Let’s be clear: when I say we’re looking for the best, I mean the best fit. As with any viable business, the best fit is a subjective mix of innate promise and aptitude for our work (some of our “best” came right out of school, one hadn’t held a traditional job in a decade), preexisting skill and education, culture fit, personality match, and cost, among other criteria. I think we can find the most promising talent by entertaining a global candidate pool, not just the biggest rockstars. His characterization of “the best” as essentially abrasive rockstars mischaracterizes my position. The notion that pioneers of the remote model - Automattic, Basecamp, Mozilla, the WordPress project itself - succeed by virtue of pure luck in hiring borders on insulting (though I’m certain it was not intended as such).

Let’s be clear: when I say we’re looking for the best, I mean the best fit.

The concluding notion, that everyone with a college degree, in all corners, has the same aptitude and interest for the kind of work a premium, high performance team like 10up does, that there’s no baseline skill set subject to shortage in fixed geographies, borders on the demagogic.
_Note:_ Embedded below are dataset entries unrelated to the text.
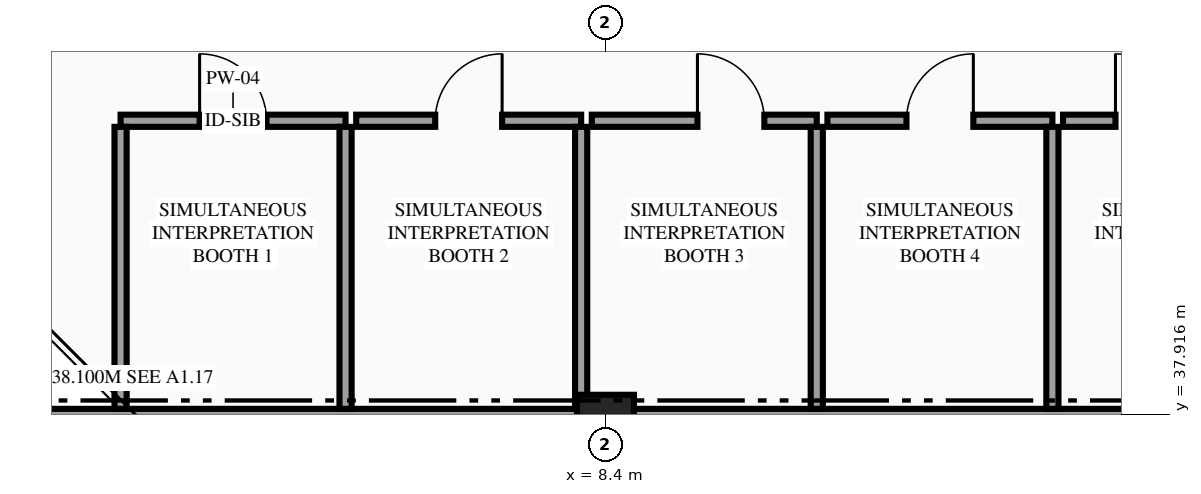
"""IFC4 building model, lengths in metres.
Left out: names, types, materials, properties, quantities, classifications, styles, units other than length and angle.
Written with IfcOpenShell. Run it as: python <this file> out.ifc"""

import sys

from ifc_helpers import new_model, si_unit, direction, frame, frame_2d, origin, origin_2d, place, context, subcontext, project, spatial, rectangle, extrude, element, fill, save


model = new_model("IFC4")
c1 = context("Model", 3, precision=1e-05, world=origin(), true_north=direction((0.0, 1.0)))
c2 = subcontext(c1, "Body", "Model", "MODEL_VIEW")
j1 = project(units=[si_unit("LENGTHUNIT", "METRE"), si_unit("PLANEANGLEUNIT", "RADIAN")], contexts=[c1])
p1 = place(None, origin())
s1 = spatial("IfcSite", under=j1, at=p1, CompositionType="ELEMENT")
p2 = place(p1, origin())
s2 = spatial("IfcBuilding", under=s1, at=p2, CompositionType="ELEMENT")
p3 = place(p2, frame((0.0, 0.0, 5.4)))
s3 = spatial("IfcBuildingStorey", under=s2, at=p3, CompositionType="ELEMENT", Elevation=5.4)
p4 = place(p3, frame((8.4, 37.8, 0.0), z_axis=(0.0, 0.0, 1.0), x_axis=(1.0, 0.0, 0.0)))
e1 = element("IfcColumn", 1, at=p4, inside=s3, PredefinedType="COLUMN", context=c2, shape_type="SweptSolid", body=[
    extrude(rectangle(XDim=0.75, YDim=0.75, at=origin_2d()), origin(), (0.0, 0.0, 1.0), 4.5),
])
p5 = place(p3, frame((0.0, 37.8, 0.0), z_axis=(0.0, 0.0, 1.0), x_axis=(1.0, 0.0, 0.0)))
e2 = element("IfcWall", 2, at=p5, inside=s3, PredefinedType="STANDARD", context=c2, shape_type="SweptSolid", body=[
    extrude(rectangle(XDim=8.4, YDim=0.38, at=frame_2d((4.2, 0.0))), origin(), (0.0, 0.0, 1.0), 3.993),
])
p6 = place(p3, frame((8.4, 37.8, 0.0), z_axis=(0.0, 0.0, 1.0), x_axis=(1.0, 0.0, 0.0)))
e3 = element("IfcWall", 3, at=p6, inside=s3, PredefinedType="STANDARD", context=c2, shape_type="SweptSolid", body=[
    extrude(rectangle(XDim=8.4, YDim=0.38, at=frame_2d((4.2, 0.0))), origin(), (0.0, 0.0, 1.0), 3.556),
])
p7 = place(p3, frame((2.02, 41.78, 0.0), z_axis=(0.0, 0.0, 1.0), x_axis=(1.0, 0.0, 0.0)))
e4 = element("IfcWall", 4, at=p7, inside=s3, PredefinedType="PARTITIONING", context=c2, shape_type="SweptSolid", body=[
    extrude(rectangle(XDim=2.96, YDim=0.16, at=frame_2d((1.48, 0.0))), origin(), (0.0, 0.0, 1.0), 4.235),
])
p8 = place(p7, frame((1.04, 0.0, 0.0)))
e5 = element("IfcOpeningElement", 5, at=p8, cuts=e4, PredefinedType="OPENING", context=c2, shape_type="SweptSolid", body=[
    extrude(rectangle(XDim=0.88, YDim=2.05, at=frame_2d((0.44, 1.025))), frame((0.0, 0.09, 0.0), z_axis=(0.0, -1.0, 0.0), x_axis=(1.0, 0.0, 0.0)), (0.0, 0.0, 1.0), 0.18),
])
for number, where, z_axis, x_axis in (
    (6, (2.02, 37.99, 0.0), (0.0, 0.0, 1.0), (0.0, 1.0, 0.0)),
    (7, (4.98, 37.99, 0.0), (0.0, 0.0, 1.0), (0.0, 1.0, 0.0)),
):
    element("IfcWall", number, at=place(p3, frame(where, z_axis=z_axis, x_axis=x_axis)), inside=s3, PredefinedType="PARTITIONING", context=c2, shape_type="SweptSolid", body=[
        extrude(rectangle(XDim=3.71, YDim=0.16, at=frame_2d((1.855, 0.0))), origin(), (0.0, 0.0, 1.0), 4.235),
    ])
p9 = place(p3, frame((5.12, 41.78, 0.0), z_axis=(0.0, 0.0, 1.0), x_axis=(1.0, 0.0, 0.0)))
e8 = element("IfcWall", 8, at=p9, inside=s3, PredefinedType="PARTITIONING", context=c2, shape_type="SweptSolid", body=[
    extrude(rectangle(XDim=2.96, YDim=0.16, at=frame_2d((1.48, 0.0))), origin(), (0.0, 0.0, 1.0), 4.235),
])
p10 = place(p9, frame((1.04, 0.0, 0.0)))
e9 = element("IfcOpeningElement", 9, at=p10, cuts=e8, PredefinedType="OPENING", context=c2, shape_type="SweptSolid", body=[
    extrude(rectangle(XDim=0.88, YDim=2.05, at=frame_2d((0.44, 1.025))), frame((0.0, 0.09, 0.0), z_axis=(0.0, -1.0, 0.0), x_axis=(1.0, 0.0, 0.0)), (0.0, 0.0, 1.0), 0.18),
])
p11 = place(p3, frame((8.08, 37.99, 0.0), z_axis=(0.0, 0.0, 1.0), x_axis=(0.0, 1.0, 0.0)))
e10 = element("IfcWall", 10, at=p11, inside=s3, PredefinedType="PARTITIONING", context=c2, shape_type="SweptSolid", body=[
    extrude(rectangle(XDim=3.71, YDim=0.16, at=frame_2d((1.855, 0.0))), origin(), (0.0, 0.0, 1.0), 4.235),
])
p12 = place(p3, frame((8.22, 41.78, 0.0), z_axis=(0.0, 0.0, 1.0), x_axis=(1.0, 0.0, 0.0)))
e11 = element("IfcWall", 11, at=p12, inside=s3, PredefinedType="PARTITIONING", context=c2, shape_type="SweptSolid", body=[
    extrude(rectangle(XDim=2.96, YDim=0.16, at=frame_2d((1.48, 0.0))), origin(), (0.0, 0.0, 1.0), 4.235),
])
p13 = place(p12, frame((1.39, 0.0, 0.0)))
e12 = element("IfcOpeningElement", 12, at=p13, cuts=e11, PredefinedType="OPENING", context=c2, shape_type="SweptSolid", body=[
    extrude(rectangle(XDim=0.88, YDim=2.05, at=frame_2d((0.44, 1.025))), frame((0.0, 0.09, 0.0), z_axis=(0.0, -1.0, 0.0), x_axis=(1.0, 0.0, 0.0)), (0.0, 0.0, 1.0), 0.18),
])
p14 = place(p3, frame((11.18, 37.99, 0.0), z_axis=(0.0, 0.0, 1.0), x_axis=(0.0, 1.0, 0.0)))
e13 = element("IfcWall", 13, at=p14, inside=s3, PredefinedType="PARTITIONING", context=c2, shape_type="SweptSolid", body=[
    extrude(rectangle(XDim=3.71, YDim=0.16, at=frame_2d((1.855, 0.0))), origin(), (0.0, 0.0, 1.0), 4.235),
])
p15 = place(p3, frame((11.32, 41.78, 0.0), z_axis=(0.0, 0.0, 1.0), x_axis=(1.0, 0.0, 0.0)))
e14 = element("IfcWall", 14, at=p15, inside=s3, PredefinedType="PARTITIONING", context=c2, shape_type="SweptSolid", body=[
    extrude(rectangle(XDim=2.96, YDim=0.16, at=frame_2d((1.48, 0.0))), origin(), (0.0, 0.0, 1.0), 4.235),
])
p16 = place(p15, frame((1.04, 0.0, 0.0)))
e15 = element("IfcOpeningElement", 15, at=p16, cuts=e14, PredefinedType="OPENING", context=c2, shape_type="SweptSolid", body=[
    extrude(rectangle(XDim=0.88, YDim=2.05, at=frame_2d((0.44, 1.025))), frame((0.0, 0.09, 0.0), z_axis=(0.0, -1.0, 0.0), x_axis=(1.0, 0.0, 0.0)), (0.0, 0.0, 1.0), 0.18),
])
p17 = place(p3, frame((14.28, 37.99, 0.0), z_axis=(0.0, 0.0, 1.0), x_axis=(0.0, 1.0, 0.0)))
e16 = element("IfcWall", 16, at=p17, inside=s3, PredefinedType="PARTITIONING", context=c2, shape_type="SweptSolid", body=[
    extrude(rectangle(XDim=3.71, YDim=0.16, at=frame_2d((1.855, 0.0))), origin(), (0.0, 0.0, 1.0), 4.235),
])
p18 = place(p3, frame((14.42, 41.78, 0.0), z_axis=(0.0, 0.0, 1.0), x_axis=(1.0, 0.0, 0.0)))
e17 = element("IfcWall", 17, at=p18, inside=s3, PredefinedType="PARTITIONING", context=c2, shape_type="SweptSolid", body=[
    extrude(rectangle(XDim=2.96, YDim=0.16, at=frame_2d((1.48, 0.0))), origin(), (0.0, 0.0, 1.0), 4.235),
])
p19 = place(p18, frame((0.69, 0.0, 0.0)))
e18 = element("IfcOpeningElement", 18, at=p19, cuts=e17, PredefinedType="OPENING", context=c2, shape_type="SweptSolid", body=[
    extrude(rectangle(XDim=0.88, YDim=2.05, at=frame_2d((0.44, 1.025))), frame((0.0, 0.09, 0.0), z_axis=(0.0, -1.0, 0.0), x_axis=(1.0, 0.0, 0.0)), (0.0, 0.0, 1.0), 0.18),
])
p20 = place(p8, origin())
e19 = element("IfcDoor", 19, at=p20, inside=s3, OperationType="SINGLE_SWING_LEFT", PredefinedType="DOOR", context=c2, shape_type="SweptSolid", body=[
    extrude(rectangle(XDim=0.88, YDim=2.05, at=frame_2d((0.44, 1.025))), frame((0.0, 0.025, 0.0), z_axis=(0.0, -1.0, 0.0), x_axis=(1.0, 0.0, 0.0)), (0.0, 0.0, 1.0), 0.05),
])
fill(e5, e19)
p21 = place(p10, origin())
e20 = element("IfcDoor", 20, at=p21, inside=s3, OperationType="SINGLE_SWING_RIGHT", PredefinedType="DOOR", context=c2, shape_type="SweptSolid", body=[
    extrude(rectangle(XDim=0.88, YDim=2.05, at=frame_2d((0.44, 1.025))), frame((0.0, 0.025, 0.0), z_axis=(0.0, -1.0, 0.0), x_axis=(1.0, 0.0, 0.0)), (0.0, 0.0, 1.0), 0.05),
])
fill(e9, e20)
p22 = place(p13, origin())
e21 = element("IfcDoor", 21, at=p22, inside=s3, OperationType="SINGLE_SWING_LEFT", PredefinedType="DOOR", context=c2, shape_type="SweptSolid", body=[
    extrude(rectangle(XDim=0.88, YDim=2.05, at=frame_2d((0.44, 1.025))), frame((0.0, 0.025, 0.0), z_axis=(0.0, -1.0, 0.0), x_axis=(1.0, 0.0, 0.0)), (0.0, 0.0, 1.0), 0.05),
])
fill(e12, e21)
p23 = place(p16, origin())
e22 = element("IfcDoor", 22, at=p23, inside=s3, OperationType="SINGLE_SWING_RIGHT", PredefinedType="DOOR", context=c2, shape_type="SweptSolid", body=[
    extrude(rectangle(XDim=0.88, YDim=2.05, at=frame_2d((0.44, 1.025))), frame((0.0, 0.025, 0.0), z_axis=(0.0, -1.0, 0.0), x_axis=(1.0, 0.0, 0.0)), (0.0, 0.0, 1.0), 0.05),
])
fill(e15, e22)
p24 = place(p19, origin())
e23 = element("IfcDoor", 23, at=p24, inside=s3, OperationType="SINGLE_SWING_LEFT", PredefinedType="DOOR", context=c2, shape_type="SweptSolid", body=[
    extrude(rectangle(XDim=0.88, YDim=2.05, at=frame_2d((0.44, 1.025))), frame((0.0, 0.025, 0.0), z_axis=(0.0, -1.0, 0.0), x_axis=(1.0, 0.0, 0.0)), (0.0, 0.0, 1.0), 0.05),
])
fill(e18, e23)
save(model, sys.argv[1])

One need only look at just how much capital companies in places like San Francisco – where there is a concentration of such skill and schools – invest in trying to find the right hires.

As is often the case, I agree entirely with Chris’s caution about rockstar egos, his emphasis on team building and mentorship, and what matters to clients. Less so when it comes to disassociating these values from a definition of the “best”, and implying that distributed models represent their antithesis by knocking “Skype meetings”.